$Nvidia (NVDA) $It will announce its third quarter financial report for fiscal year 2026 after the market closes this Wednesday (November 19). The Nvidia earnings report has become one of the most anticipated events on Wall Street due to the snowballing growth in artificial intelligence (AI)-related demand.
The market expects Nvidia's financial performance this quarter: revenue of US $54.8 billion, a year-on-year increase of 56%; Adjusted earnings per share (EPS) of $1.25, up 60% year-over-year; Data center revenue was $48.6 billion, up 58% year-over-year.
Three highlights:
Investors are likely to focus on several issues during earnings and earnings calls:
Blackwell GPU The promotion of:Investors will be watching for the latest developments in Nvidia's Blackwell GB200 GPU production boost. Management's view on whether the company can accelerate production to meet high demand for Blackwell chips will be important-any signs of manufacturing or supply chain constraints could affect investor sentiment.
China Sales:In the second quarter report, Nvidia's guidance for the third quarter assumed no H20 exports to China. Investors will be watching for more information about this, as China sales may drive the company's future growth.
Growth in the automotive and robotics industries: This is an area of the business with significant growth potential, and investors pay attention to its performance. Last quarter, auto revenue was $586 million, up 69% year-over-year.

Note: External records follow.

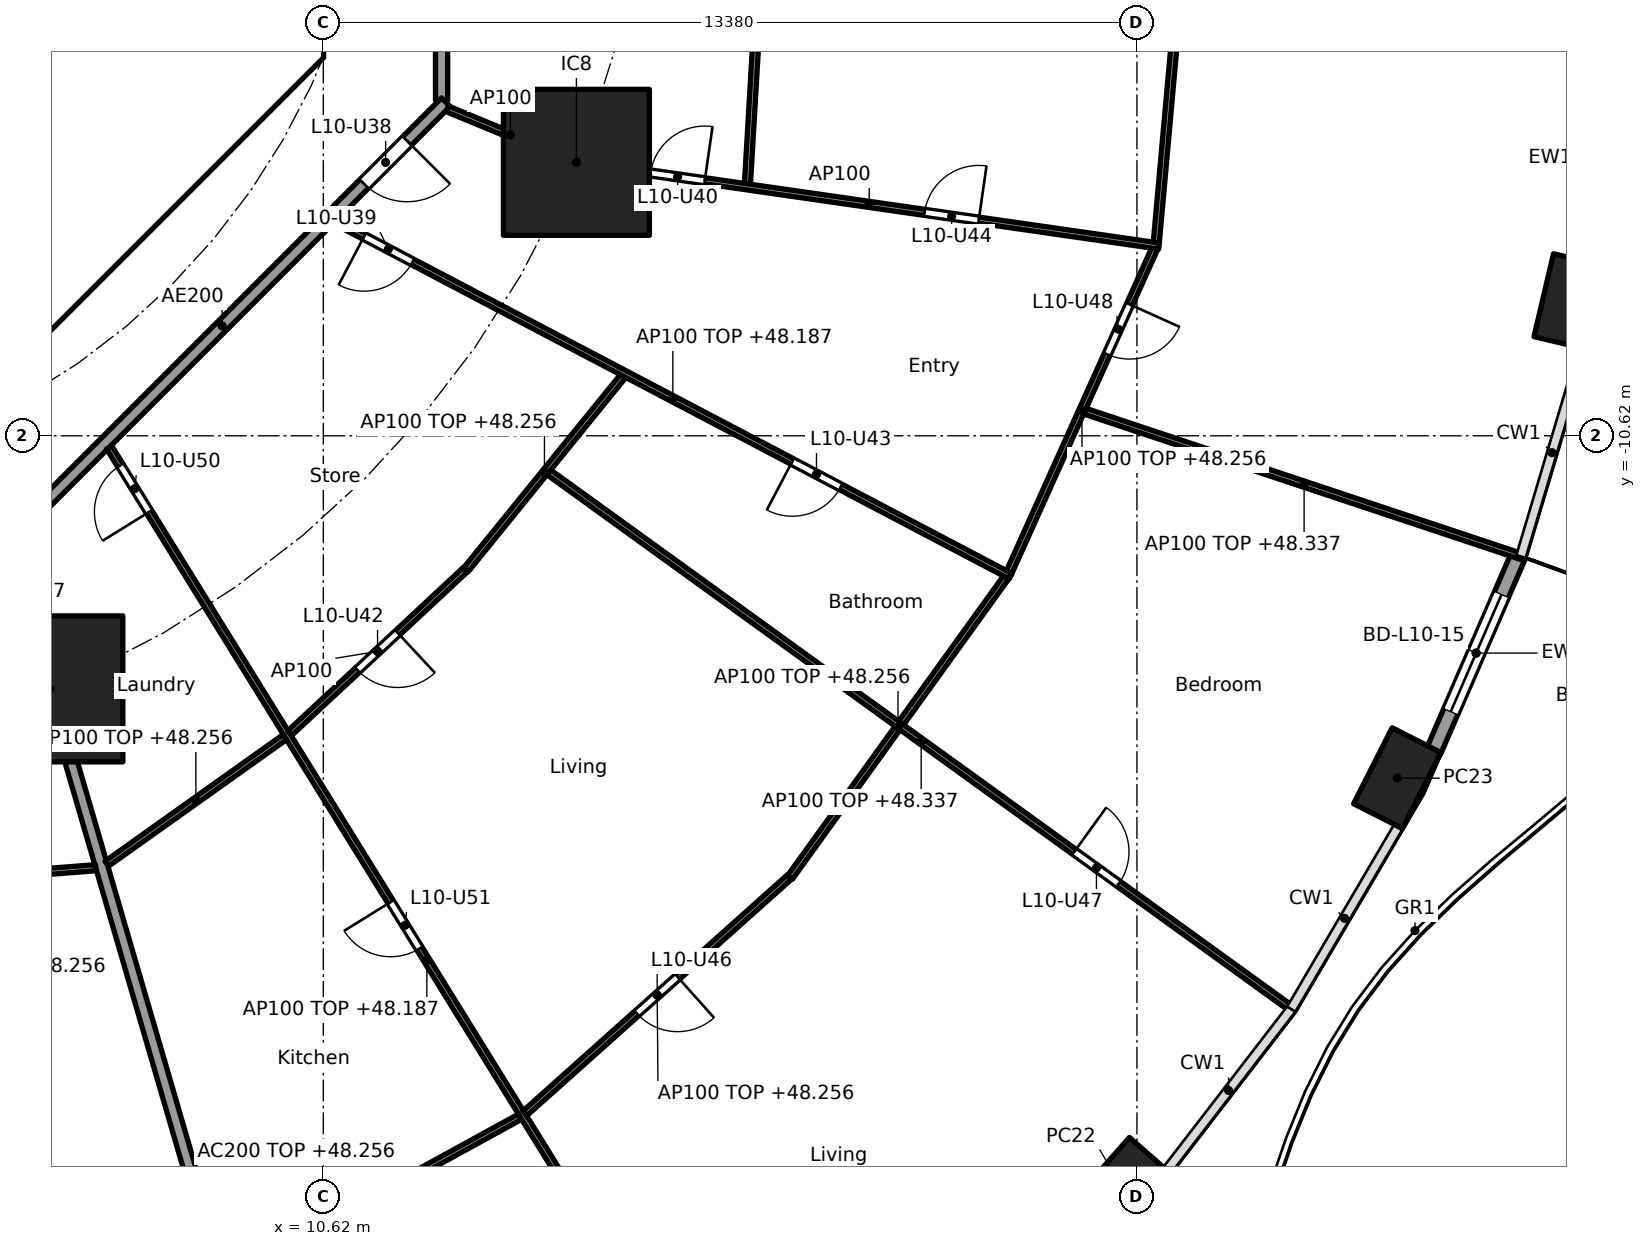
"""IFC4 building model, lengths in metres.
Left out: names, types, materials, properties, quantities, classifications, styles, units other than length and angle.
Written with IfcOpenShell. Run it as: python <this file> out.ifc"""

import sys

from ifc_helpers import new_model, si_unit, direction, frame, frame_2d, origin, origin_2d, place, context, subcontext, project, spatial, polyline, rectangle, hollow_rectangle, outline, extrude, element, fill, save


model = new_model("IFC4")
c1 = context("Model", 3, precision=1e-05, world=origin(), true_north=direction((0.0, 1.0)))
c2 = subcontext(c1, "Body", "Model", "MODEL_VIEW")
j1 = project(units=[si_unit("LENGTHUNIT", "METRE"), si_unit("PLANEANGLEUNIT", "RADIAN")], contexts=[c1])
p1 = place(None, origin())
s1 = spatial("IfcSite", under=j1, at=p1, CompositionType="ELEMENT")
p2 = place(p1, origin())
s2 = spatial("IfcBuilding", under=s1, at=p2, CompositionType="ELEMENT")
p3 = place(p2, frame((0.0, 0.0, 45.5)))
s3 = spatial("IfcBuildingStorey", under=s2, at=p3, CompositionType="ELEMENT", Elevation=45.5)
for number, where, z_axis, x_axis in (
    (1, (23.752, -22.981, 0.0), (0.0, 0.0, 1.0), (0.66, 0.751, 0.0)),
    (2, (28.282, -16.25, 0.0), (0.0, 0.0, 1.0), (0.452, 0.892, 0.0)),
    (3, (31.129, -8.412, 0.0), (0.0, 0.0, 1.0), (0.229, 0.973, 0.0)),
):
    element("IfcColumn", number, at=place(p3, frame(where, z_axis=z_axis, x_axis=x_axis)), inside=s3, PredefinedType="COLUMN", context=c2, shape_type="SweptSolid", body=[
        extrude(hollow_rectangle(XDim=1.4, YDim=0.9, WallThickness=0.05, at=origin_2d()), origin(), (0.0, 0.0, 1.0), 3.7),
    ])
for number, where, z_axis, x_axis in (
    (4, (6.123, -14.782, 0.0), (0.0, 0.0, 1.0), (1.0, 0.0, 0.0)),
    (5, (14.782, -6.123, 0.0), (0.0, 0.0, 1.0), (1.0, 0.0, 0.0)),
):
    element("IfcColumn", number, at=place(p3, frame(where, z_axis=z_axis, x_axis=x_axis)), inside=s3, PredefinedType="COLUMN", context=c2, shape_type="SweptSolid", body=[
        extrude(rectangle(XDim=2.4, YDim=2.4, at=origin_2d()), origin(), (0.0, 0.0, 1.0), 3.7),
    ])
p4 = place(p3, frame((30.278, -12.579, 0.0), z_axis=(0.0, 0.0, 1.0), x_axis=(-0.397624958345, -0.917548032803, 0.0)))
e6 = element("IfcWall", 6, at=p4, inside=s3, PredefinedType="SOLIDWALL", context=c2, shape_type="SweptSolid", body=[
    extrude(rectangle(XDim=3.52, YDim=0.25, at=frame_2d((1.76, 0.0))), origin(), (0.0, 0.0, 1.0), 3.44),
])
p5 = place(p4, frame((0.71, 0.0, 0.0)))
e7 = element("IfcOpeningElement", 7, at=p5, cuts=e6, PredefinedType="OPENING", context=c2, shape_type="SweptSolid", body=[
    extrude(rectangle(XDim=2.1, YDim=2.4, at=frame_2d((1.05, 1.2))), frame((0.0, 0.135, 0.0), z_axis=(0.0, -1.0, 0.0), x_axis=(1.0, 0.0, 0.0)), (0.0, 0.0, 1.0), 0.27),
])
p6 = place(p3, frame((4.613, -9.988, 0.0), z_axis=(0.0, 0.0, 1.0), x_axis=(0.707106781187, 0.707106781187, 0.0)))
e8 = element("IfcWall", 8, at=p6, inside=s3, PredefinedType="SHEAR", context=c2, shape_type="SweptSolid", body=[
    extrude(rectangle(XDim=7.602, YDim=0.6, at=frame_2d((3.801, 0.0))), origin(), (0.0, 0.0, 1.0), 3.44),
])
p7 = place(p6, frame((3.201, 0.0, 0.0)))
e9 = element("IfcOpeningElement", 9, at=p7, cuts=e8, PredefinedType="OPENING", context=c2, shape_type="SweptSolid", body=[
    extrude(rectangle(XDim=1.2, YDim=2.1, at=frame_2d((0.6, 1.05))), frame((0.0, 0.31, 0.0), z_axis=(0.0, -1.0, 0.0), x_axis=(1.0, 0.0, 0.0)), (0.0, 0.0, 1.0), 0.62),
])
p8 = place(p3, origin())
e10 = element("IfcWall", 10, at=p8, inside=s3, PredefinedType="SHEAR", context=c2, shape_type="SweptSolid", body=[
    extrude(outline(polyline([(9.776, -4.401), (10.025, -4.152), (10.025, -3.801), (10.025, 4.152), (9.776, 4.401), (10.2, 4.825), (10.625, 4.401), (10.625, -4.401), (10.2, -4.825), (9.776, -4.401)])), origin(), (0.0, 0.0, 1.0), 3.44),
])
p9 = place(p3, frame((5.243, -12.657, 0.0), z_axis=(0.0, 0.0, 1.0), x_axis=(0.382707856524, -0.923869415315, 0.0)))
e11 = element("IfcWall", 11, at=p9, inside=s3, PredefinedType="PARTITIONING", context=c2, shape_type="SweptSolid", body=[
    extrude(rectangle(XDim=2.2, YDim=0.2, at=frame_2d((1.1, 0.0))), origin(), (0.0, 0.0, 1.0), 3.44),
])
p10 = place(p3, frame((6.137, -14.83, 0.0), z_axis=(0.0, 0.0, 1.0), x_axis=(0.27985745069, -0.960041565399, 0.0)))
e12 = element("IfcWall", 12, at=p10, inside=s3, PredefinedType="PARTITIONING", context=c2, shape_type="SweptSolid", body=[
    extrude(rectangle(XDim=16.705, YDim=0.2, at=frame_2d((8.353, 0.0))), origin(), (0.0, 0.0, 1.0), 2.756),
])
p11 = place(p3, frame((12.565, -5.104, 0.0), z_axis=(0.0, 0.0, 1.0), x_axis=(0.0, 1.0, 0.0)))
e13 = element("IfcWall", 13, at=p11, inside=s3, PredefinedType="PARTITIONING", context=c2, shape_type="SweptSolid", body=[
    extrude(rectangle(XDim=10.209, YDim=0.2, at=frame_2d((5.104, 0.0))), origin(), (0.0, 0.0, 1.0), 3.44),
])
p12 = place(p3, frame((5.275, -12.494, 0.0), z_axis=(0.0, 0.0, 1.0), x_axis=(0.707106781187, 0.707106781187, 0.0)))
e14 = element("IfcWall", 14, at=p12, inside=s3, PredefinedType="PARTITIONING", context=c2, shape_type="SweptSolid", body=[
    extrude(rectangle(XDim=10.409, YDim=0.2, at=frame_2d((5.205, 0.0))), origin(), (0.0, 0.0, 1.0), 3.44),
])
p13 = place(p12, frame((8.508, 0.0, 0.0)))
e15 = element("IfcOpeningElement", 15, at=p13, cuts=e14, PredefinedType="OPENING", context=c2, shape_type="SweptSolid", body=[
    extrude(rectangle(XDim=1.0, YDim=2.1, at=frame_2d((0.5, 1.05))), frame((0.0, 0.11, 0.0), z_axis=(0.0, -1.0, 0.0), x_axis=(1.0, 0.0, 0.0)), (0.0, 0.0, 1.0), 0.22),
])
p14 = place(p3, frame((17.971, -0.05, 0.0), z_axis=(0.0, 0.0, 1.0), x_axis=(-0.058475267553, -0.998288857538, 0.0)))
e16 = element("IfcWall", 16, at=p14, inside=s3, PredefinedType="PARTITIONING", context=c2, shape_type="SweptSolid", body=[
    extrude(rectangle(XDim=6.438, YDim=0.1, at=frame_2d((3.219, 0.0))), origin(), (0.0, 0.0, 1.0), 2.756),
])
p15 = place(p3, frame((24.982, -0.05, 0.0), z_axis=(0.0, 0.0, 1.0), x_axis=(-0.089432471274, -0.995992888068, 0.0)))
e17 = element("IfcWall", 17, at=p15, inside=s3, PredefinedType="PARTITIONING", context=c2, shape_type="SweptSolid", body=[
    extrude(rectangle(XDim=7.423, YDim=0.1, at=frame_2d((3.711, 0.0))), origin(), (0.0, 0.0, 1.0), 2.756),
])
p16 = place(p3, frame((2.288, -18.078, 0.0), z_axis=(0.0, 0.0, 1.0), x_axis=(0.99701850123, 0.077162868047, 0.0)))
e18 = element("IfcWall", 18, at=p16, inside=s3, PredefinedType="PARTITIONING", context=c2, shape_type="SweptSolid", body=[
    extrude(rectangle(XDim=4.604, YDim=0.1, at=frame_2d((2.302, 0.0))), origin(), (0.0, 0.0, 1.0), 2.756),
])
p17 = place(p16, frame((1.852, 0.0, 0.0)))
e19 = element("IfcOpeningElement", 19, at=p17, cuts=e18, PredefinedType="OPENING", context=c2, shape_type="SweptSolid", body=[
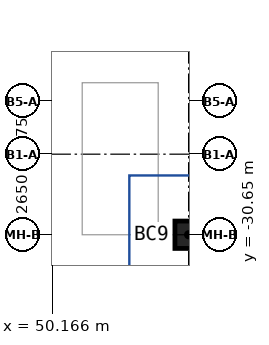
"""IFC4 building model, lengths in metres.
Left out: names, types, materials, properties, quantities, classifications, styles, units other than length and angle.
Written with IfcOpenShell. Run it as: python <this file> out.ifc"""

import sys

from ifc_helpers import new_model, si_unit, direction, frame, origin, origin_2d, place, context, subcontext, project, spatial, rectangle, extrude, source, transform, mapped, element, save


model = new_model("IFC4")
c1 = context("Model", 3, precision=1e-05, world=origin(), true_north=direction((0.0, 1.0)))
c2 = subcontext(c1, "Body", "Model", "MODEL_VIEW")
j1 = project(units=[si_unit("LENGTHUNIT", "METRE"), si_unit("PLANEANGLEUNIT", "RADIAN")], contexts=[c1])
p1 = place(None, origin())
s1 = spatial("IfcSite", under=j1, at=p1, CompositionType="ELEMENT")
p2 = place(p1, origin())
s2 = spatial("IfcBuilding", under=s1, at=p2, CompositionType="ELEMENT")
p3 = place(p2, frame((0.0, 0.0, -9.0)))
s3 = spatial("IfcBuildingStorey", under=s2, at=p3, CompositionType="ELEMENT", Elevation=-9.0)
m1 = source(origin(), c2, "Body", "SweptSolid", [
    extrude(rectangle(XDim=0.9, YDim=0.9, at=origin_2d()), origin(), (0.0, 0.0, 1.0), 4.5),
])
p4 = place(p3, frame((54.65, -30.65, 0.0), z_axis=(0.0, 0.0, 1.0), x_axis=(1.0, 0.0, 0.0)))
e1 = element("IfcColumn", 1, at=p4, inside=s3, PredefinedType="COLUMN", context=c2, shape_type="MappedRepresentation", body=[
    mapped(m1, transform((0.0, 0.0, 0.0))),
])
save(model, sys.argv[1])

Options Market Performance
In the past 12 quarters, the options market hasOverestimating NVDA's Post-Earnings Stock Price Volatility 67% of the Time。 The average fluctuation range of forecasts after the financial report is announced is±8.1%, while the actual average fluctuation amplitude (absolute value) is only7.3%。
The current implied volatility of Nvidia in the options market is±7.6%, the stock price changes after the last seven Nvidia financial reports were all less than the implied volatility.
1. Strategy structure
Investors build aBull Put Spread Bull Put Spread, consisting of two put options with the same expiration date:
Sell higher strike price Put: K ₂ = 175, premium revenue $4.15
Buy lower strike Put: K ₁ = 170, premium spend $2.55
This is a credit strategy with a bullish bias, limited risk and limited returns. When the underlying price remains at$175 or moreWhen, maximum profit can be achieved.
Initial net income
The net premium received by investors is:
Net premium Income = Selling 175P Income − Buying 170P Expenses = 4.15 − 2.55 =$1.60/Share
The corresponding total income (1 contract = 100 shares) is:
1.60 × 100 =$160/contract
This net income is the maximum potential profit that the strategy can determine when it opens a position.
3. Maximum profit
If the underlying price expires≥ $175, both Put shares are out-of-the-money options and will not be exercised. Investors retain the entire net premium income.
Maximum profit = $1.60/share corresponding to total profit =$160/contract
This situation means that investors' judgment on the underlying being bullish or maintaining stability is completely correct.
4. Maximum loss
If the underlying price expires≤ $170, both Put shares enter the price, and the portfolio bears the maximum loss under the constraint of the full execution spread.
Strike spread
= 175 − 170
= $5
Maximum Loss = Strike Spread − Net Income = 5 − 1.60 =$3.40/Share
Corresponding total loss = 3.40 × 100 =$340/contract
This loss is the worst case scenario of the strategy, which occurs when the underlying price drops significantly.
5. Break-even point
The break-even point for a bull put spread is:
Breakeven = Higher Strike Price − Net Income = 175 − 1.60 =$173.40
Hence:
When the underlying maturity price≥ $173.40When investors make profits
When the underlying maturity price< $173.40When the strategy begins to lose money
The break-even point means that investors have a certain buffer on their bullish expectations for the underlying, and even if it falls to $173.40, they still won't lose money.
6. Risk and return characteristics
Maximum gain: $160/contract
Maximum loss: $340/contract
The profit/loss ratio is approximately: 1: 2.125
Strategy applicable scenario: investors expect the underlying priceStay above $175, or at least not fall below breakeven
Strategy positioning:A Bullish to Neutral credit strategy with limited returns and limited risks
Engage and Win Options Rewards!
Share your thoughts on options trading or the market in the comments below.
10 lucky participants will each receive a free copy of the Options Handbook!
Already have one, you’ll get a USD 5 Options Voucher instead!
The Options Handbook takes you from the fundamentals to advanced strategies, helping you gradually build your own trading system. You’ll also gain insights from 10 top traders, and learn how to avoid common options trading pitfalls — making your decisions clearer.
💬 Don’t miss out, drop your thoughts and win your reward!